You should ask about international express mail. That sometimes has a fairly high weight limit, a couple of pounds, and I think you can use it for anything. I sent a package home express mail from India a couple of years ago because it was cheaper than the package rate, which had a high minimum.


----------



## carolnewb

This is what I don't get. My post office never gives me any other option, not even international express mail. They just point me to the courier section (EMS, I just found out). I wonder if they're just being lazy. It's not 1 of those tiny post offices tucked away in a little town either. I think I'll try another post office although they are very far from each other


----------



## carolnewb

In case someone might find this useful, I went back to my post office with the Sepomex (Mexican postal service) rates for small packages I had printed from their website. These were the rates the same post office kept telling me that they were unavailable for items other than books, cds, etc even though the website doesn't mention this restriction. When I showed them the printed rates & asked if they were still current & if I could use them for any small package, I was told yes. This was the same officer who had told me about that non-existant restriction a number of times before. I was able to send a small package that day (as a test) which weighed 500g & cost me 135 pesos to Australia. Previously, they would have told me I could only send it with Mexpost which would have cost approx. 450 pesos. 
The main restriction with this service is that the weight limit is 2 kgs & then Mexpost has to be used for anything over that.
I think post offices dislike dealing with this service & direct people to Mexpost instead but I don't know why. I was told by 2 different post offices about that restriction which is not true. I was given at least 20 stamps for my little package! Perhaps that's why they prefer not to use it? I read somwhere that the government wants post offices to use that service for small packages but they didn't say why they weren't doing it anyway.


----------



## Guest

I don't think the problem is with the Mexico Postal system, the problem is with Mexican Customs - they want to inspect all packages, hence the high cost. That's why your friend sends everything to Laredo in bulk, to get cleared, and then shipped onward.

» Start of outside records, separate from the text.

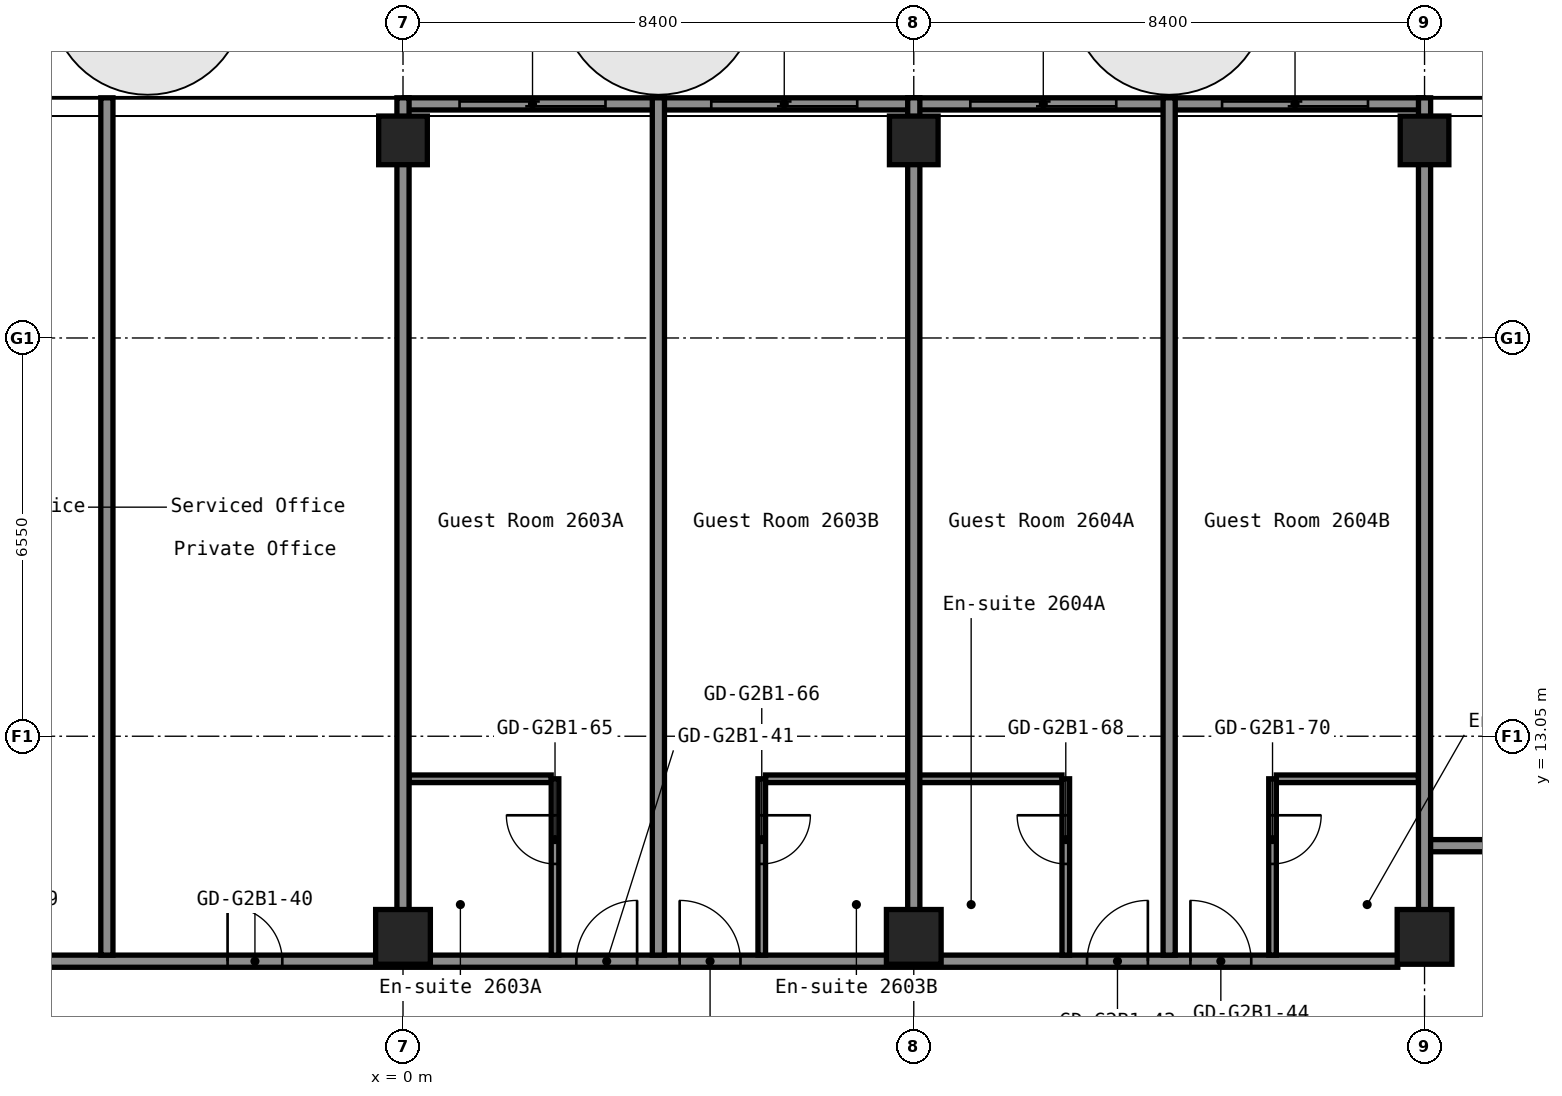
"""IFC4 building model, lengths in metres.
Left out: names, types, materials, properties, quantities, classifications, styles, units other than length and angle.
Written with IfcOpenShell. Run it as: python <this file> out.ifc"""

import sys

from ifc_helpers import new_model, si_unit, direction, frame, frame_2d, origin, origin_2d, place, context, subcontext, project, spatial, rectangle, hollow_rectangle, extrude, element, fill, save


model = new_model("IFC4")
c1 = context("Model", 3, precision=1e-05, world=origin(), true_north=direction((0.0, 1.0)))
c2 = subcontext(c1, "Body", "Model", "MODEL_VIEW")
j1 = project(units=[si_unit("LENGTHUNIT", "METRE"), si_unit("PLANEANGLEUNIT", "RADIAN")], contexts=[c1])
p1 = place(None, origin())
s1 = spatial("IfcSite", under=j1, at=p1, CompositionType="ELEMENT")
p2 = place(p1, origin())
s2 = spatial("IfcBuilding", under=s1, at=p2, CompositionType="ELEMENT")
p3 = place(p2, frame((0.0, 0.0, 94.6)))
s3 = spatial("IfcBuildingStorey", under=s2, at=p3, CompositionType="ELEMENT", Elevation=94.6)
p4 = place(p3, frame((0.0, 9.75, 0.0), z_axis=(0.0, 0.0, 1.0), x_axis=(1.0, 0.0, 0.0)))
e1 = element("IfcColumn", 1, at=p4, inside=s3, PredefinedType="COLUMN", context=c2, shape_type="SweptSolid", body=[
    extrude(hollow_rectangle(XDim=0.9, YDim=0.9, WallThickness=0.036, at=origin_2d()), origin(), (0.0, 0.0, 1.0), 2.8),
])
p5 = place(p3, frame((0.0, 22.85, 0.0), z_axis=(0.0, 0.0, 1.0), x_axis=(1.0, 0.0, 0.0)))
e2 = element("IfcColumn", 2, at=p5, inside=s3, PredefinedType="COLUMN", context=c2, shape_type="SweptSolid", body=[
    extrude(hollow_rectangle(XDim=0.8, YDim=0.8, WallThickness=0.032, at=origin_2d()), origin(), (0.0, 0.0, 1.0), 2.8),
])
p6 = place(p3, frame((8.4, 9.75, 0.0), z_axis=(0.0, 0.0, 1.0), x_axis=(1.0, 0.0, 0.0)))
e3 = element("IfcColumn", 3, at=p6, inside=s3, PredefinedType="COLUMN", context=c2, shape_type="SweptSolid", body=[
    extrude(hollow_rectangle(XDim=0.9, YDim=0.9, WallThickness=0.036, at=origin_2d()), origin(), (0.0, 0.0, 1.0), 2.8),
])
p7 = place(p3, frame((8.4, 22.85, 0.0), z_axis=(0.0, 0.0, 1.0), x_axis=(1.0, 0.0, 0.0)))
e4 = element("IfcColumn", 4, at=p7, inside=s3, PredefinedType="COLUMN", context=c2, shape_type="SweptSolid", body=[
    extrude(hollow_rectangle(XDim=0.8, YDim=0.8, WallThickness=0.032, at=origin_2d()), origin(), (0.0, 0.0, 1.0), 2.8),
])
p8 = place(p3, frame((16.8, 9.75, 0.0), z_axis=(0.0, 0.0, 1.0), x_axis=(1.0, 0.0, 0.0)))
e5 = element("IfcColumn", 5, at=p8, inside=s3, PredefinedType="COLUMN", context=c2, shape_type="SweptSolid", body=[
    extrude(hollow_rectangle(XDim=0.9, YDim=0.9, WallThickness=0.036, at=origin_2d()), origin(), (0.0, 0.0, 1.0), 2.8),
])
p9 = place(p3, frame((16.8, 22.85, 0.0), z_axis=(0.0, 0.0, 1.0), x_axis=(1.0, 0.0, 0.0)))
e6 = element("IfcColumn", 6, at=p9, inside=s3, PredefinedType="COLUMN", context=c2, shape_type="SweptSolid", body=[
    extrude(hollow_rectangle(XDim=0.8, YDim=0.8, WallThickness=0.032, at=origin_2d()), origin(), (0.0, 0.0, 1.0), 2.8),
])
p10 = place(p3, frame((-16.36, 9.35, 0.0), z_axis=(0.0, 0.0, 1.0), x_axis=(1.0, 0.0, 0.0)))
e7 = element("IfcWall", 7, at=p10, inside=s3, PredefinedType="PARTITIONING", context=c2, shape_type="SweptSolid", body=[
    extrude(rectangle(XDim=32.72, YDim=0.2, at=frame_2d((16.36, 0.0))), origin(), (0.0, 0.0, 1.0), 2.8),
])
p11 = place(p10, frame((1.8, 0.0, 0.0)))
e8 = element("IfcOpeningElement", 8, at=p11, cuts=e7, PredefinedType="OPENING", context=c2, shape_type="SweptSolid", body=[
    extrude(rectangle(XDim=0.9, YDim=2.1, at=frame_2d((0.45, 1.05))), frame((0.0, 0.11, 0.0), z_axis=(0.0, -1.0, 0.0), x_axis=(1.0, 0.0, 0.0)), (0.0, 0.0, 1.0), 0.22),
])
p12 = place(p10, frame((6.0, 0.0, 0.0)))
e9 = element("IfcOpeningElement", 9, at=p12, cuts=e7, PredefinedType="OPENING", context=c2, shape_type="SweptSolid", body=[
    extrude(rectangle(XDim=0.9, YDim=2.1, at=frame_2d((0.45, 1.05))), frame((0.0, 0.11, 0.0), z_axis=(0.0, -1.0, 0.0), x_axis=(1.0, 0.0, 0.0)), (0.0, 0.0, 1.0), 0.22),
])
p13 = place(p10, frame((9.275, 0.0, 0.0)))
e10 = element("IfcOpeningElement", 10, at=p13, cuts=e7, PredefinedType="OPENING", context=c2, shape_type="SweptSolid", body=[
    extrude(rectangle(XDim=0.9, YDim=2.1, at=frame_2d((0.45, 1.05))), frame((0.0, 0.11, 0.0), z_axis=(0.0, -1.0, 0.0), x_axis=(1.0, 0.0, 0.0)), (0.0, 0.0, 1.0), 0.22),
])
p14 = place(p10, frame((13.475, 0.0, 0.0)))
e11 = element("IfcOpeningElement", 11, at=p14, cuts=e7, PredefinedType="OPENING", context=c2, shape_type="SweptSolid", body=[
    extrude(rectangle(XDim=0.9, YDim=2.1, at=frame_2d((0.45, 1.05))), frame((0.0, 0.11, 0.0), z_axis=(0.0, -1.0, 0.0), x_axis=(1.0, 0.0, 0.0)), (0.0, 0.0, 1.0), 0.22),
])
p15 = place(p10, frame((19.21, 0.0, 0.0)))
e12 = element("IfcOpeningElement", 12, at=p15, cuts=e7, PredefinedType="OPENING", context=c2, shape_type="SweptSolid", body=[
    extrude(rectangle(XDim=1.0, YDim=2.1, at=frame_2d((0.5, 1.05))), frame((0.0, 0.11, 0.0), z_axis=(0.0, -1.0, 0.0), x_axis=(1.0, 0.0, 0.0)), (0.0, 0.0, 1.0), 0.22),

I checked with UPS in the US and they want about US$125 for a 5 lb package to MX. I have also been warned by friends that it is possible that half the goods will "disappear" enroute to me, haha.


----------



## RVGRINGO

it is probable that the the postal workers were trying to hint that their service 'wasn't for you' because of the high rate of vanishing packages. Courier services are much more reliable.


----------



## halfmexi

We have been using the Mexican Postal System (sepomex) for 6 years now in 2 different states in Mexico to ship and receive internationally on a weekly basis.

Most postal employees no nothing and don't want to learn anything new about shipping, especially to another country. We are in Mexico - land of the mordida! So, we have always had to train the postal employees ourselves, help them to price and ship our envelopes, small boxes, etc. We also bring them dulces, find out when their birthdays are.... little regalitos is a nice thank you and you will usually get a big one back.

We ship approx. 450 parcels a year with the local postal services - larger parcels with MexPost. We only lose 4 or 5 parcels a year now - holidays are the toughest time to ship because of Customs on both sides of the border not always paying attention. Always send registered mail (the little orange card of an additional 17.50 pesos) it will take 30 days to track your parcel once reported, but at least you will know who lost it, even though you will probably be giving the refund. Our parcel value is between $20 and $800, so we do have confidence in the Mexican postal system.

Grab onto Mexico's culture and use it to your advantage!

Paz,
B


----------